The main problem with the existing synchronizers is that they are not re-entrant. It is completely impossible to nest calls to StartWrite, and an instant deadlock will occur. It is possible to nest calls to StartRead, provided that no threads call StartWrite in the middle of a sequence of nested calls to StartRead. Again, if this occurs, deadlock will be an inevitable consequence. Ideally, we would like to be able to nest both read and write operations. If a thread is an active reader, then repeated calls to StartRead should have no effect, provided they are matched by an equal number of calls to EndRead. Similarly, nested calls to StartWrite should also be possible, and all but the outer pair of StartWrite and EndWrite calls should have no effect.

The second problem is that the synchronizers illustrated so far do not allow atomic read-modify-write operations. Ideally, it should be possible for a single thread to call: StartRead, StartWrite, EndWrite, EndRead; thus allowing a value to be read, modified and written atomically. Other threads should not be allowed to write in any part of the sequence, and they should not be allowed to read during the inner write part of the sequence. With current synchronizers, it is perfectly possible to do this by simply performing the read and write operations inside a pair of calls to StartWrite and EndWrite. However, if the synchronization calls are embedded in a shared data object (as in the example) it can be very difficult to provide a convenient interface to that object that allows read-modify-write operations without also providing separate synchronization calls to lock the object for reading or writing.
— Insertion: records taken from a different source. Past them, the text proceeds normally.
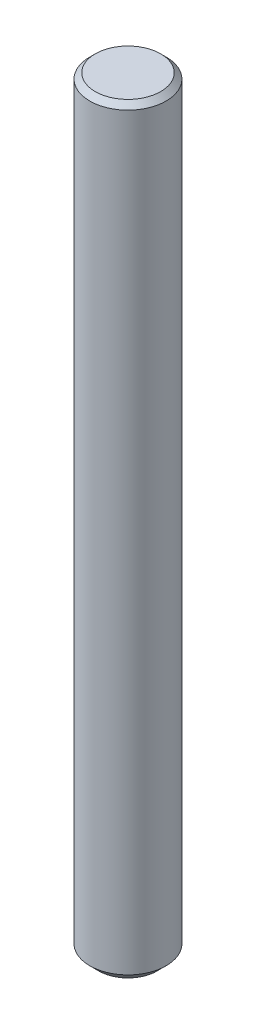
from build123d import *

# Parameters (mm, degrees)
SKETCH2_R           = 21
BOSS_EXTRUDE1_DEPTH = 420
CHAMFER1_SIZE       = 5
CHAMFER2_SIZE       = 3


with BuildPart() as part:
    # Sketch2 → Boss-Extrude1 (new body)
    with BuildSketch(Plane(origin=(0, 0, 0), x_dir=(1, 0, 0), z_dir=(0, 1, 0))):
        with Locations(Location((0, 0, 0), (0, 0, 270))):
            Circle(SKETCH2_R)
    extrude(amount=BOSS_EXTRUDE1_DEPTH)

    # Chamfer1
    chamfer1_edges = [part.edges().sort_by_distance(p)[0] for p in [
        (0, 0, -21),
    ]]
    chamfer(chamfer1_edges, length=CHAMFER1_SIZE)

    # Chamfer2
    chamfer2_edges = [part.edges().sort_by_distance(p)[0] for p in [
        (0, 420, -21),
    ]]
    chamfer(chamfer2_edges, length=CHAMFER2_SIZE)


solid = part.part
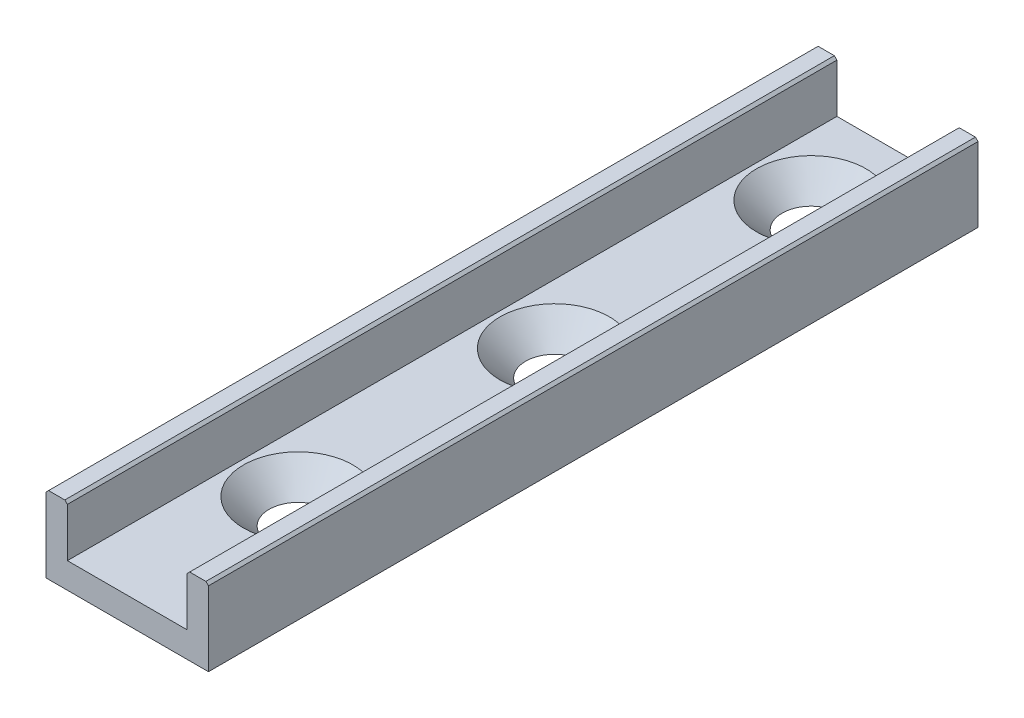
from build123d import *

# Parameters (mm, degrees)
BOSS_EXTRUDE1_DEPTH                         = 90
HOLE_SIZE_PER_HEX_SOCKET_LOBED_SEMI_2_COUNT = 2
HOLE_SIZE_PER_HEX_SOCKET_LOBED_SEMI_2_PITCH = 30
LPATTERN1_COUNT                             = 2
LPATTERN1_PITCH                             = 30
CHAMFER1_SIZE                               = 0.3


with BuildPart() as part:
    # Sketch1 → Boss-Extrude1 (new body)
    with BuildSketch(Plane.XY):
        Polygon((-7, 4.5), (-7, -1.5), (7, -1.5), (7, 4.5), (9.5, 4.5), (9.5, -4.5), (-9.5, -4.5), (-9.5, 4.5), align=None)
    extrude(amount=BOSS_EXTRUDE1_DEPTH)

    # Sketch5 → Hole size per hex socket lobed semi-countersunk screw type1 (revolve, cut)
    with BuildSketch(Plane(origin=(0, -1.5, 10), x_dir=(0, 0, 1), z_dir=(1, 0, 0))):
        Polygon((0, 0), (0, 3), (3.3, 3), (3.3, 3.1), (6.4, 0), align=None)
    hole_size_per_hex_socket_lobed_semi_coun = revolve(axis=Axis((0, 4.85, 10), (0, -1, 0)), mode=Mode.SUBTRACT)

    # Hole size per hex socket lobed semi- 2: Hole size per hex socket lobed semi-countersunk screw type1 ×2
    with Locations(*[(0, 0, i * HOLE_SIZE_PER_HEX_SOCKET_LOBED_SEMI_2_PITCH) for i in range(1, HOLE_SIZE_PER_HEX_SOCKET_LOBED_SEMI_2_COUNT)]):
        add(hole_size_per_hex_socket_lobed_semi_coun, mode=Mode.SUBTRACT)

    # LPattern1: Hole size per hex socket lobed semi-countersunk screw type1 ×2
    with Locations(*[(0, 0, i * LPATTERN1_PITCH) for i in range(1, LPATTERN1_COUNT)]):
        add(hole_size_per_hex_socket_lobed_semi_coun, mode=Mode.SUBTRACT)

    # LPattern1 copy 1 sketch → LPattern1 copy 1 (revolve, cut)
    with BuildSketch(Plane(origin=(0, -1.5, 70), x_dir=(0, 0, 1), z_dir=(1, 0, 0))):
        Polygon((0, 0), (0, 3), (3.3, 3), (3.3, 3.1), (6.4, 0), align=None)
    revolve(axis=Axis((0, 4.85, 70), (0, -1, 0)), mode=Mode.SUBTRACT)

    # Chamfer1
    chamfer1_edges = [part.edges().sort_by_distance(p)[0] for p in [
        (9.5, 4.5, 45),
        (-9.5, 4.5, 45),
        (-7, 4.5, 45),
        (7, 4.5, 45),
    ]]
    chamfer(chamfer1_edges, length=CHAMFER1_SIZE)


solid = part.part
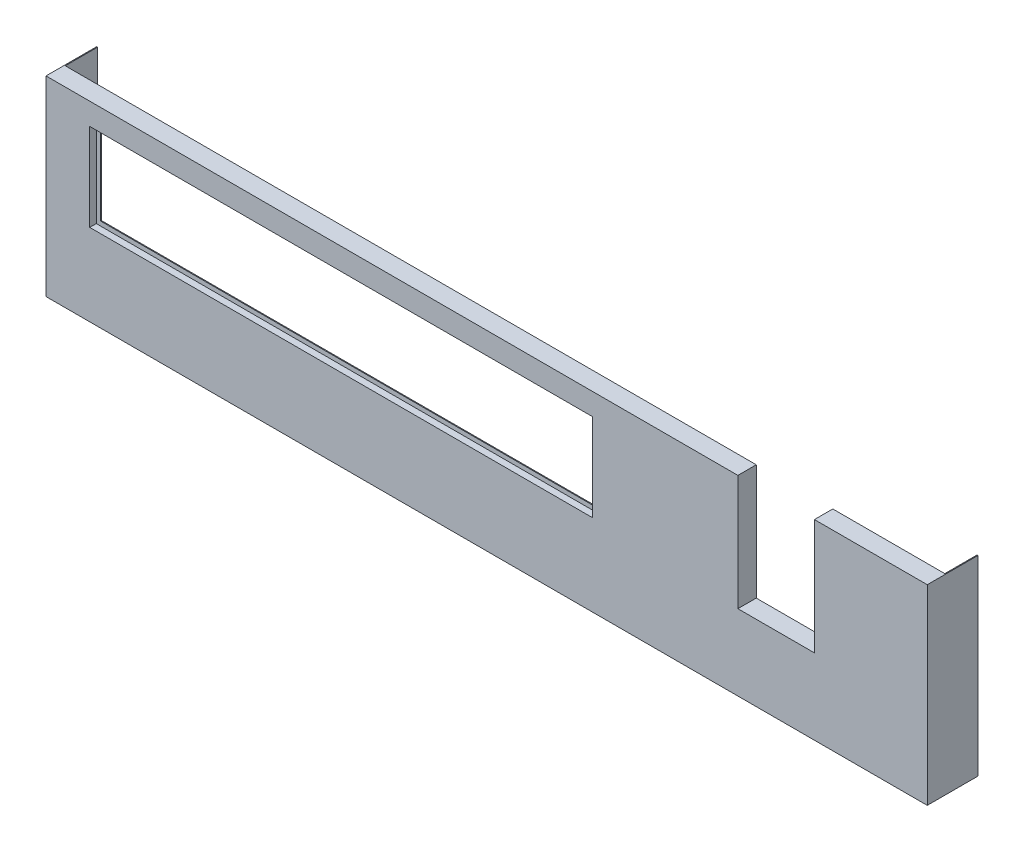
SolidWorks part; units mm, degrees
ref_plane "前视基准面" through (0, 0, 0) normal (0, 0, 1) x (1, 0, 0)
ref_plane "上视基准面" through (0, 0, 0) normal (0, 1, 0) x (1, 0, 0)
ref_plane "右视基准面" through (0, 0, 0) normal (1, 0, 0) x (0, 0, -1)
sketch "草图2" plane through (0, 0, 0) normal (0, 0, 1) x (1, 0, 0)
  line L0 (1757, 437) -> (2015, 437)
  line L1 (0, 0) -> (2015, 0)
  line L2 (0, 0) -> (0, 437)
  line L3 (0, 437) -> (1582, 437)
  line L4 (2015, 0) -> (2015, 437)
  line L6 (1582, 437) -> (1582, 173)
  line L7 (1582, 173) -> (1757, 173)
  line L8 (1757, 437) -> (1757, 173)
  dimension "D1" = 437
  dimension "D2" = 2015
  dimension "D3" = 175
  dimension "D4" = 258
  dimension "D5" = 264
extrude "凸台-拉伸1" add sketch "草图2" along normal blind 2
sketch "草图7" plane through (0, 0, 0) normal (0, 0, -1) x (-1, 0, 0)
  line L1 (-2013, 437) -> (-2015, 437)
  line L2 (-2013, 0) -> (-2013, 437)
  line L3 (-2013, 0) -> (-2013, 437)
  line L4 (-2015, 437) -> (-2015, 0)
  line L5 (-2015, 0) -> (-2013, 0)
  dimension "D1" = 2
extrude "凸台-拉伸2" add sketch "草图7" along normal blind 114
sketch "草图8" plane through (0, 0, 0) normal (0, 0, -1) x (-1, 0, 0)
  line L0 (0, 0) -> (-2013, 0) construction
  line L1 (0, 437) -> (-2, 437)
  line L2 (0, 437) -> (0, 0)
  line L3 (0, 0) -> (-2, 0)
  line L4 (-2, 437) -> (-2, 0)
  dimension "D1" = 2
extrude "凸台-拉伸3" add sketch "草图8" along normal blind 114
sketch "草图9" plane through (0, 0, 0) normal (0, 0, -1) x (-1, 0, 0)
  line L15 (-2013, 435) -> (-1759, 435)
  line L16 (-1759, 435) -> (-1759, 171)
  line L17 (-1759, 171) -> (-1580, 171)
  line L18 (-1580, 171) -> (-1580, 435)
  line L19 (-1580, 435) -> (-2, 435)
  line L20 (-1582, 437) -> (-2, 437)
  line L21 (-1582, 173) -> (-1582, 437)
  line L22 (-1757, 173) -> (-1582, 173)
  line L23 (-1757, 437) -> (-1757, 173)
  line L24 (-2013, 437) -> (-1757, 437)
  line L25 (-1582, 437) -> (-2, 437)
  line L26 (-1582, 173) -> (-1582, 437)
  line L27 (-1757, 173) -> (-1582, 173)
  line L28 (-1757, 437) -> (-1757, 173)
  line L29 (-2013, 437) -> (-1757, 437)
  line L30 (-2013, 437) -> (-2013, 435)
  line L31 (-2, 437) -> (-2, 435)
  dimension "D1" = 0
  dimension "D2" = 2
extrude "凸台-拉伸4" add sketch "草图9" along normal blind 40
sketch "草图10" plane through (0, 0, 2) normal (0, 0, 1) x (1, 0, 0)
  line L0 (1582, 437) -> (0, 437) construction
  line L1 (100, 387) -> (1250, 387)
  line L2 (100, 387) -> (100, 187)
  line L3 (100, 187) -> (1250, 187)
  line L4 (1250, 387) -> (1250, 187)
  line L5 (0, 437) -> (0, 0) construction
  dimension "D1" = 50
  dimension "D2" = 100
  dimension "D3" = 1150
  dimension "D4" = 200
extrude "切除-拉伸1" cut sketch "草图10" against normal blind 10
sketch "草图11" plane through (0, 0, 0) normal (0, -1, 0) x (1, 0, 0)
  line L0 (2015, 2) -> (2015, -114) construction
  line L1 (0, 2) -> (2015, 2)
  line L2 (0, 2) -> (0, -40.4679)
  line L3 (0, -40.4679) -> (2015, -40.4679)
  line L4 (2015, 2) -> (2015, -40.4679)
extrude "凸台-拉伸5" add sketch "草图11" against normal blind 2
sketch "草图12" plane through (0, 0, 0) normal (0, 0, -1) x (-1, 0, 0)
  line L10 (-1252, 389) -> (-1252, 185)
  line L11 (-1252, 185) -> (-98, 185)
  line L12 (-98, 185) -> (-98, 389)
  line L13 (-98, 389) -> (-1252, 389)
  line L14 (-100, 187) -> (-100, 387)
  line L15 (-1250, 187) -> (-100, 187)
  line L16 (-100, 387) -> (-1250, 387)
  line L17 (-1250, 387) -> (-1250, 187)
  line L18 (-100, 187) -> (-100, 387)
  line L19 (-1250, 187) -> (-100, 187)
  line L20 (-100, 387) -> (-1250, 387)
  line L21 (-1250, 387) -> (-1250, 187)
  dimension "D1" = 0
  dimension "D2" = 2
extrude "凸台-拉伸6" add sketch "草图12" along normal blind 15
sketch "草图13" plane through (0, 0, -15) normal (0, 0, -1) x (-1, 0, 0)
  line L0 (-1252, 185) -> (-98, 185) construction
  line L1 (-1252, 389) -> (-98, 389)
  line L2 (-1252, 389) -> (-1252, 185)
  line L3 (-1252, 185) -> (-98, 185)
  line L4 (-98, 389) -> (-98, 185)
  line L5 (-1252, 185) -> (-98, 185) construction
  line L16 (-98, 185) -> (-98, 389) construction
  line L20 (-1240, 377) -> (-1240, 197)
  line L21 (-110, 377) -> (-1240, 377)
  line L22 (-1240, 197) -> (-110, 197)
  line L23 (-110, 197) -> (-110, 377)
  line L24 (-1240, 377) -> (-1240, 197)
  line L25 (-110, 377) -> (-1240, 377)
  line L26 (-1240, 197) -> (-110, 197)
  line L27 (-110, 197) -> (-110, 377)
  dimension "D1" = 10
extrude "凸台-拉伸7" add sketch "草图13" against normal blind 2
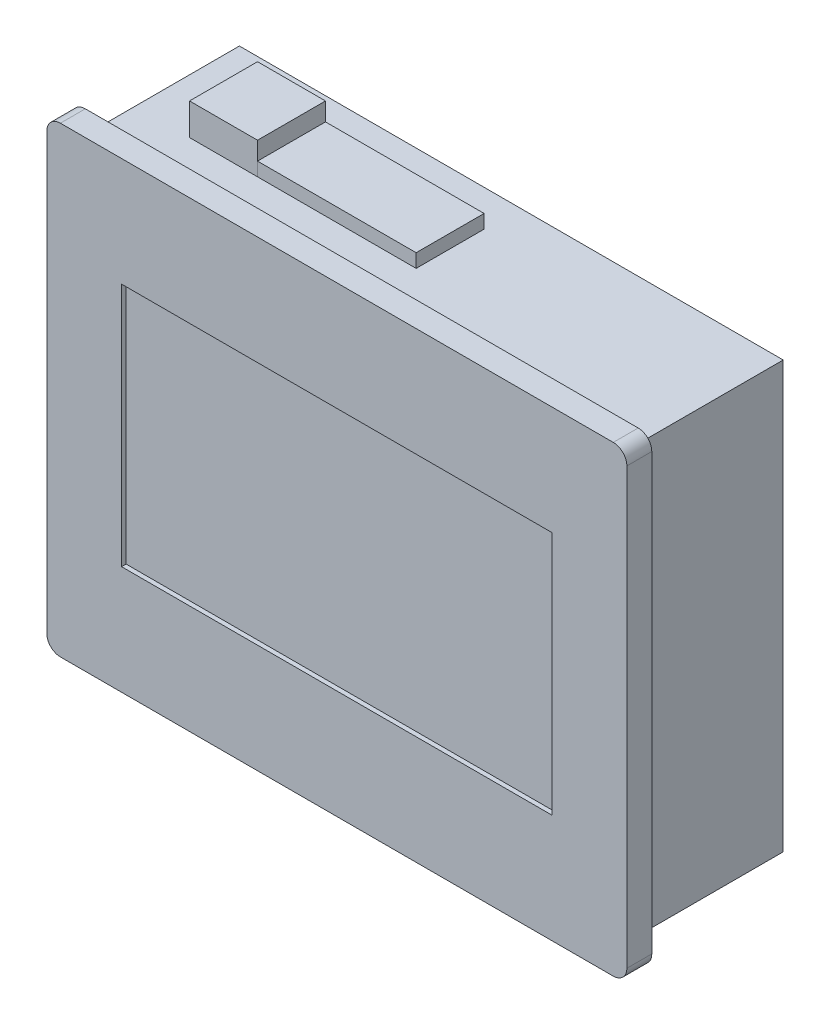
from build123d import *

# Parameters (mm, degrees)
SKETCH1_W           = 128
SKETCH1_H           = 102
BOSS_EXTRUDE1_DEPTH = 5.5
SKETCH2_W           = 95
SKETCH2_H           = 54
CUT_EXTRUDE1_DEPTH  = 1
SKETCH3_W           = 120
SKETCH3_H           = 94
BOSS_EXTRUDE2_DEPTH = 33
FILLET1_R           = 3
SKETCH4_W           = 15
SKETCH4_H           = 15
BOSS_EXTRUDE3_DEPTH = 7
SKETCH5_W           = 35
SKETCH5_H           = 15
BOSS_EXTRUDE4_DEPTH = 3


with BuildPart() as part:
    # Sketch1 → Boss-Extrude1 (new body)
    with BuildSketch(Plane.XY):
        Rectangle(SKETCH1_W, SKETCH1_H)
    extrude(amount=BOSS_EXTRUDE1_DEPTH)

    # Sketch2 → Cut-Extrude1 (cut)
    with BuildSketch(Plane.XY.offset(5.5)):
        Rectangle(SKETCH2_W, SKETCH2_H)
    extrude(amount=-CUT_EXTRUDE1_DEPTH, mode=Mode.SUBTRACT)

    # Sketch3 → Boss-Extrude2 (add)
    with BuildSketch(Plane(origin=(0, 0, 0), x_dir=(-1, 0, 0), z_dir=(0, 0, -1))):
        Rectangle(SKETCH3_W, SKETCH3_H)
    extrude(amount=BOSS_EXTRUDE2_DEPTH)

    # Fillet1
    fillet1_edges = [part.edges().sort_by_distance(p)[0] for p in [
        (-64, 51, 2.75),
        (64, 51, 2.75),
        (64, -51, 2.75),
        (-64, -51, 2.75),
    ]]
    fillet(fillet1_edges, radius=FILLET1_R)

    # Sketch4 → Boss-Extrude3 (add)
    with BuildSketch(Plane(origin=(0, 47, 0), x_dir=(1, 0, 0), z_dir=(0, 1, 0))):
        with Locations((-40.5, 17.5)):
            Rectangle(SKETCH4_W, SKETCH4_H)
    extrude(amount=BOSS_EXTRUDE3_DEPTH)


with BuildPart() as body_2:
    # Sketch5 → Boss-Extrude4 (new body)
    with BuildSketch(Plane(origin=(0, 47, 0), x_dir=(1, 0, 0), z_dir=(0, 1, 0))):
        with Locations((-15.5, 17.5)):
            Rectangle(SKETCH5_W, SKETCH5_H)
    extrude(amount=BOSS_EXTRUDE4_DEPTH)


solid = Compound([part.part, body_2.part])
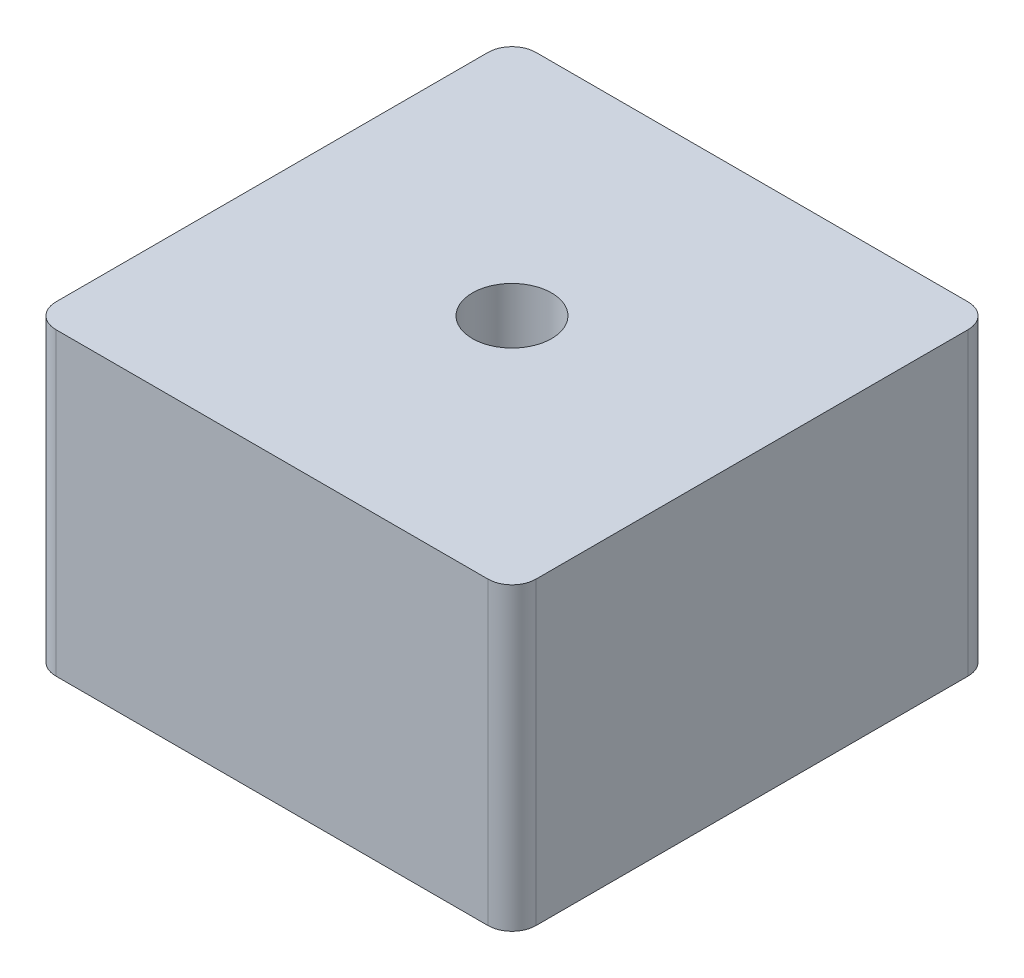
SolidWorks part; units mm, degrees
ref_plane "Front Plane" through (0, 0, 0) normal (0, 0, 1) x (1, 0, 0)
ref_plane "Top Plane" through (0, 0, 0) normal (0, 1, 0) x (1, 0, 0)
ref_plane "Right Plane" through (0, 0, 0) normal (1, 0, 0) x (0, 0, -1)
other "Configuration Table"
sketch "Sketch1" plane through (0, 0, 0) normal (0, 1, 0) x (1, 0, 0)
  line L1 (-10, 10) -> (10, 10)
  line L2 (-10, 10) -> (-10, -10)
  line L3 (-10, -10) -> (10, -10)
  line L4 (10, 10) -> (10, -10)
  line L5 (-10, 10) -> (10, -10) construction
  line L6 (-10, -10) -> (10, 10) construction
  point P0 (0, 0)
  dimension "D1" = 20
  dimension "D2" = 20
extrude "Boss-Extrude1" add sketch "Sketch1" along normal blind 12.5
sketch "Sketch2" plane through (0, 12.5, 0) normal (0, 1, 0) x (1, 0, 0)
  point P0 (0, 0)
hole_wizard "M4 Tapped Hole1" positions "Sketch2" profile "Sketch3" tap size "M4" standard "GB" end condition through all
sketch "Sketch3" plane through (0, 12.5, 0) normal (1, 0, 0) x (0, 0, 1)
  line L0 (0, 0) -> (0, 12.5)
  line L1 (0, 12.5) -> (1.65, 12.5)
  line L2 (1.65, 12.5) -> (1.65, 0)
  line L5 (1.65, 0) -> (0, 0)
  line L11 (0, -6.35) -> (0, 107.95) construction
  dimension "通孔螺纹孔钻头直径" = 3.3
  dimension "通孔螺纹孔钻头深度" = 12.5
cosmetic thread "Cosmetic thread 1"
fillet "Fillet1" radius 1 4 edges at (-10, 6.25, -10) (10, 6.25, -10) (10, 6.25, 10) (-10, 6.25, 10)

In order to do this, an altogether more sophisticated implementation is required, whereby every start and end operation looks at exactly which threads are currently performing read or write operations. This is in fact what the Delphi synchronizer does. Unfortunately, licensing agreements mean that it is not possible to display the VCL source code here and discuss exactly what it does. However, suffice to say that the Delphi MREWS:

Allows nested read operations.
Does not allow nested write operations.
Allows Read operations to be promoted to write operations, allowing read-modify-write operations to be done with minimal locking at each stage of the proceedings.
Is written very much for efficiency: Critical sections are used only where absolutely necessary, and interlocked operations are preferred. This obfuscates the code a little, but the increase in efficiency is more than worthwhile.
Can be swapped with the synchronizer classes presented above with no change in semantics.